Ильгар Наджафоа, Ирина Леонидовна в Старой Ладоге. Рыбы в икре, 2014
Работы Сергея Федулова тоже фантазийные. Можно сказать, что это художник-фантаст: в его картинах (смешанная техника) полно инопланетян — персонажей из кинопродукции жанра фэнтези. Неизбежны и аналогии с соц-артом: у Федулова много образов Сталина, который порой предстает в самых неожиданных ситуациях — например, на встрече с Наполеоном, причем на другой планете. Однако в соц-арте был явный политический подтекст, стремление к развенчанию культовых мифологем и самого языка идеологии, поэтому у классика соц-арта Леонида Сокова вождь и встречался с Мэрилин Монро. А у Федулова критической установки нет, как нет и политических аллюзий. Он создал и очень тщательно обустроил параллельную реальность, где сосуществуют персонажи фильмов, сказок и старых газет. И эта реальность кажется ему гостеприимной.
Сергей Федулов, Товарищ Сталин делает доклад
на межгалактическом конгрессе на станции «Комсомольская», 2018
Александр Савченко верен жанровой типологии: натюрморт, пейзаж, ню. Среди участников выставки он выделяется как живописец. И это живописец экспрессивного плана, симультанный, то есть схватывающий впечатление целостно и одномоментно. Отсюда — способ обобщения формы: Савченко ее не строит (наверное, академическая постановочность сразу же убила бы его желание писать), а именно схватывает, «отрезая» то, что ускользнуло. Схватывает, не заботясь о похожести. Вернее, похожесть для него важна, но он понимает ее по-охотничьи: мотив надо поймать врасплох. Савченко нужен драйв. О подобном градусе неотрефлексированности, о такой способности положиться на живописное чутье размышляли многие ученые художники. Эмиль Нольде, например. Причудливы пути, которыми идет искусство.

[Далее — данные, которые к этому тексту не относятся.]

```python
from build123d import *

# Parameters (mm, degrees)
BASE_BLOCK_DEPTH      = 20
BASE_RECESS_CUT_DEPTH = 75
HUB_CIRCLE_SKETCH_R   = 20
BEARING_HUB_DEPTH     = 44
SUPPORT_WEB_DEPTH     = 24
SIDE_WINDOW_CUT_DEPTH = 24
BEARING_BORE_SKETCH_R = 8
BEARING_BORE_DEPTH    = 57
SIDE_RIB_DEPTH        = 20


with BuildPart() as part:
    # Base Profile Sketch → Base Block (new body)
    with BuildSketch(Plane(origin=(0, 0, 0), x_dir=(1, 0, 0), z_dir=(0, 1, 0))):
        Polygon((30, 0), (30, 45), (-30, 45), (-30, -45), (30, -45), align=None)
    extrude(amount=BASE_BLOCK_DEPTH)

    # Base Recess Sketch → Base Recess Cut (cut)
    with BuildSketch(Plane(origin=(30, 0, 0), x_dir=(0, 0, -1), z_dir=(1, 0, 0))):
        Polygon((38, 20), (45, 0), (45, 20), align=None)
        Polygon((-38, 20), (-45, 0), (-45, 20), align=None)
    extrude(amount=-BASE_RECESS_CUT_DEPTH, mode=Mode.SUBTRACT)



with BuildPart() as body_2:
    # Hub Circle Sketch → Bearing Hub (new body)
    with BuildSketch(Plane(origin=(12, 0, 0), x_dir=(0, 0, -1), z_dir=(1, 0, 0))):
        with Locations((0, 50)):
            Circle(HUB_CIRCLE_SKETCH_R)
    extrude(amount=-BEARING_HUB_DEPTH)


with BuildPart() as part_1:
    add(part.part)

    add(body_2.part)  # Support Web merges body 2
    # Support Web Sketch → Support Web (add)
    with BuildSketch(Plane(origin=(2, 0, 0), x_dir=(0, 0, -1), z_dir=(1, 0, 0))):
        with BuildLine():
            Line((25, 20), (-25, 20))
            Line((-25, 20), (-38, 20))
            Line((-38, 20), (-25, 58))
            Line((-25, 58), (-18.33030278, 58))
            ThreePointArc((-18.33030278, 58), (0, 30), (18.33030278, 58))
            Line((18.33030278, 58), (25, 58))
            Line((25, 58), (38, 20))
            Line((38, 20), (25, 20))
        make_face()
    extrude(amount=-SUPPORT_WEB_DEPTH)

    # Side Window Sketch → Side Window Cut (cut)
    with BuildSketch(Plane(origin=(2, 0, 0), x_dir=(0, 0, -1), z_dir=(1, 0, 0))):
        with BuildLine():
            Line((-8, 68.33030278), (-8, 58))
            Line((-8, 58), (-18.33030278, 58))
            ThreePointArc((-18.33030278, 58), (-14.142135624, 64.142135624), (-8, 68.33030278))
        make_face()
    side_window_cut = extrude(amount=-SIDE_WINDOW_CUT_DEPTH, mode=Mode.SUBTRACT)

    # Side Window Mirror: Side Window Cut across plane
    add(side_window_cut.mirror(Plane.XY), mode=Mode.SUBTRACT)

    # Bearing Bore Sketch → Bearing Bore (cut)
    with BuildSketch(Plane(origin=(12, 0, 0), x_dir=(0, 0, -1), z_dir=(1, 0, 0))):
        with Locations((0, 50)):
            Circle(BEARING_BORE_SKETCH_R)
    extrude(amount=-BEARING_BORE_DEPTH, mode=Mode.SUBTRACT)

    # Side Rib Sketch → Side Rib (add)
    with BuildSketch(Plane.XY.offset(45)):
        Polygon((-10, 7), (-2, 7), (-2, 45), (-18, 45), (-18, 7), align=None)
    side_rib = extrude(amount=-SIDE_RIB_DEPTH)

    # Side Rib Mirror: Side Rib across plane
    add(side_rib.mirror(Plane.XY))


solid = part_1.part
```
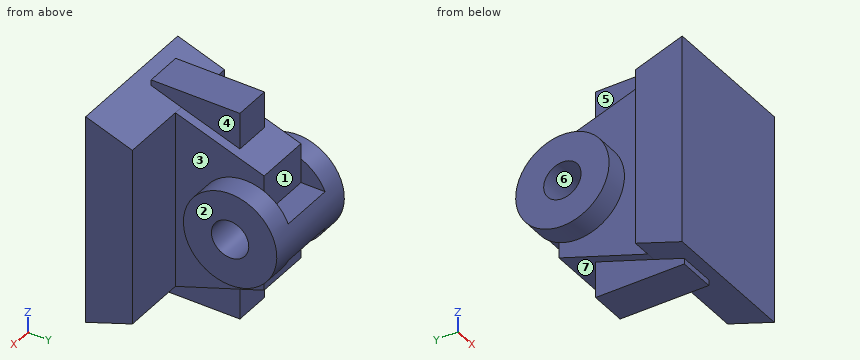
Design review of the part built by this model. Coordinates are the model's own, in mm. Face numbers are marked on the shaded views. A direction names the side the tool comes from. Give positions to 0.01 mm unless a question says otherwise; leave off trailing zeros. Write each loop counter-clockwise with the first axis right and the second up, starting at its lowest first coordinate (ties: lowest second). Pieces come first, ordered by that corner, then holes.
(1) Add section A-A (y = 16). Give the boundary of the cut face in (x, z).
Checked values:
outline: (-30, -39.4) - (-18, -39.4) - (-18, -45) - (-2, -45) - (-2, -39.4) - (30, -39.4) - (30, 39.4) - (-2, 39.4) - (-2, 45) - (-18, 45) - (-18, 39.4) - (-30, 39.4) - close
(2) Mouldability with a two-part tool opening along Y and no side actions: class the marked faces 5, 6 and 7 as +Y half, -Y half, draft (parallel to the pull), parting line (faces both ways), or undercut.
Checked values:
face 5: draft
face 6: undercut
face 7: +Y half
(3) Clearance check with flat-ended pins moving along their axes: pin 1 Ø10 at (x, z) = (9.5, 10) entering from +Y; pin 2 Ø6 at (y, z) = (38, -31.5) entering from +X; pin 3 Ø17 at (x, z) = (-9, -38.5) entering from +Y. State where each tip first meets the part, or that it passes through.
Checked values:
pin 1: stops at y = 69.36
pin 2: stops at x = 2
pin 3: stops at y = 45
(4) Add section C-C (y = 50). Give the boundary of the cut face in (x, z).
Checked values:
outline: (-32, -20) - (-22, -20) - (-22, -27.74) - (2, -27.74) - (2, -20) - (12, -20) - (12, -8) - (-32, -8) - close; (-32, 8) - (12, 8) - (12, 20) - (2, 20) - (2, 27.74) - (-22, 27.74) - (-22, 20) - (-32, 20) - close
(5) Add section B-B (z = 0). Give the boundary of the cut face in (x, y), and give its area (3 significant figures).
Checked values:
outline: (-32, 30) - (-22, 30) - (-22, 20) - (-30, 20) - (-30, 0) - (30, 0) - (30, 20) - (2, 20) - (2, 30) - (12, 30) - (12, 42) - (-32, 42) - close; (-32, 58) - (12, 58) - (12, 70) - (-32, 70) - close
area: 2,500 mm2
(6) Tool access review of the marked faces 1, 2, 3 and 4: name each direction out of +Z, -Z, +X, -X, +Y, -Y from which nothing blocks a thin tool from reaching the whole face with its end or side.
Checked values:
face 1: +Z, +Y
face 2: +Z, -Z, +X, +Y
face 3: +X
face 4: +Z, +X, +Y
(7) Add section D-D (x = 18). Give the boundary of the cut face in (y, z).
Checked values:
outline: (0, -45) - (20, -38) - (20, 38) - (0, 45) - close
(8) Wall thickness on line 1 along Y through (x, z) = (-11, 0); line 2 along Y through (x, z) = (-29, -5) (3 decimals); line 3 along Z through (x, y) = (-9, 67): over which ranges is each line inside the solid? List them lowest first.
Checked values:
line 1: y = 0 to 42, 58 to 70
line 2: y = 0 to 20, 30.635 to 43.755, 56.245 to 69.365
line 3: z = -8 to 8
Could you check a few things on this model? Use its own coordinates, in mm. A direction names the side the tool comes from. Give positions to 0.01 mm unless a question says otherwise; leave off trailing zeros. Order: outer loops, then holes, each group sorted by start corner. A loop starts at its lowest first (then second) coordinate and runs counter-clockwise, first axis right, second up. Notation, with made-up numbers: M 55,29 L 112,29 A17 ccw 112,38 Z; hole C 19,0.25 d3. An arc over 180 degrees is marked long. Answer in a Markdown table with one row per item. Add a question column.
```python
from build123d import *

# Parameters (mm, degrees)
SKETCH1_W           = 240
SKETCH1_H           = 240
BOSS_EXTRUDE1_DEPTH = 11
SKETCH2_R           = 109.5
SKETCH2_R_2         = 103.5
CUT_EXTRUDE1_DEPTH  = 0.5
SKETCH3_R           = 7
CUT_EXTRUDE2_DEPTH  = 59
CHAMFER1_SIZE       = 3


with BuildPart() as part:
    # Sketch1 → Boss-Extrude1 (new body)
    with BuildSketch(Plane.XY):
        Rectangle(SKETCH1_W, SKETCH1_H)
    extrude(amount=BOSS_EXTRUDE1_DEPTH)

    # Sketch2 → Cut-Extrude1 (cut)
    with BuildSketch(Plane.XY.offset(11)):
        Circle(SKETCH2_R)
        Circle(SKETCH2_R_2, mode=Mode.SUBTRACT)
    extrude(amount=-CUT_EXTRUDE1_DEPTH, mode=Mode.SUBTRACT)

    # Sketch3 → Cut-Extrude2 (cut)
    with BuildSketch(Plane.XY.offset(11)):
        with Locations((-95, 95)):
            Circle(SKETCH3_R)
        with Locations((95, 95)):
            Circle(SKETCH3_R)
        with Locations((95, -95)):
            Circle(SKETCH3_R)
        with Locations((-95, -95)):
            Circle(SKETCH3_R)
    extrude(amount=-CUT_EXTRUDE2_DEPTH, mode=Mode.SUBTRACT)

    # Chamfer1
    chamfer1_edges = [part.edges().sort_by_distance(p)[0] for p in [
        (-120, 120, 5.5),
        (120, 120, 5.5),
        (120, -120, 5.5),
        (-120, -120, 5.5),
    ]]
    chamfer(chamfer1_edges, length=CHAMFER1_SIZE)


solid = part.part
```
1. For faces 1 (the flat face through (-1, 1, 11)), 2 (the cylindrical face through (-23.737, -106.896, 10.754)), which set-ups out of +Z, -Z, +X, -X, +Y, -Y let a thin tool reach every point of the face, with its end or its side?
2. If I drill on line 1 along Y through (x, z) = (95, 5.5); line 2 along X through (y, z) = (-99, 7.75), over which ranges is the centre line in solid material (lowest first)? Write a range as [from, to].
3. Suppose I cut it at A-A on y = 95. List the corners of the cut face in (x, z) for me, plus the area to 3 significant figures.
4. Thinking about a two-plate mould opening in X: for faces 3 (the cylindrical face through (98.72, 31.09, 10.75)), 4 (the cylindrical face through (-100.16, 99.73, 5.58)), 5 (the flat face through (-2, -120, 5)), 6 (the flat face through (120, -2, 5)), which applies, pulls with the +X half, pulls with the -X half, needs draft (parallel to the pull), parting line crosses it, or undercut?
5. Will this pin go through, and if not, where does the flat tip stop? P1, Ø8.5, axis at x = -95, y = -95, coming from the -Z side.
Findings below:
| question | item | result |
|---|---|---|
| 1 | face 1 | +Z, +X, -X, +Y, -Y |
| 1 | face 2 | +Z |
| 2 | line 1 | [-120, -102], [-88, 88], [102, 120] |
| 2 | line 2 | [-120, -100.74], [-89.26, 89.26], [100.74, 120] |
| 3 | outline | M -120,0 L -102,0 L -102,11 L -120,11 Z; M -88,0 L 88,0 L 88,11 L 54.45,11 L 54.45,10.5 L 41.08,10.5 L 41.08,11 L -41.08,11 L -41.08,10.5 L -54.45,10.5 L -54.45,11 L -88,11 Z; M 102,0 L 120,0 L 120,11 L 102,11 Z |
| 3 | area | 2,320 mm2 |
| 4 | face 3 | undercut |
| 4 | face 4 | undercut |
| 4 | face 5 | needs draft |
| 4 | face 6 | pulls with the +X half |
| 5 | P1 | through |

Александр Савченко, В море, 2005
Еще раз — о смысле выставки. Хотелось бы сконцентрировать внимание зрителей на ее эстетической составляющей. Другие аспекты, связанные с судьбой художников, оставим за скобками. Отметим только, что все участники, учитывая их жизненные обстоятельства, проявили феноменальную волю к творческому самовыражению.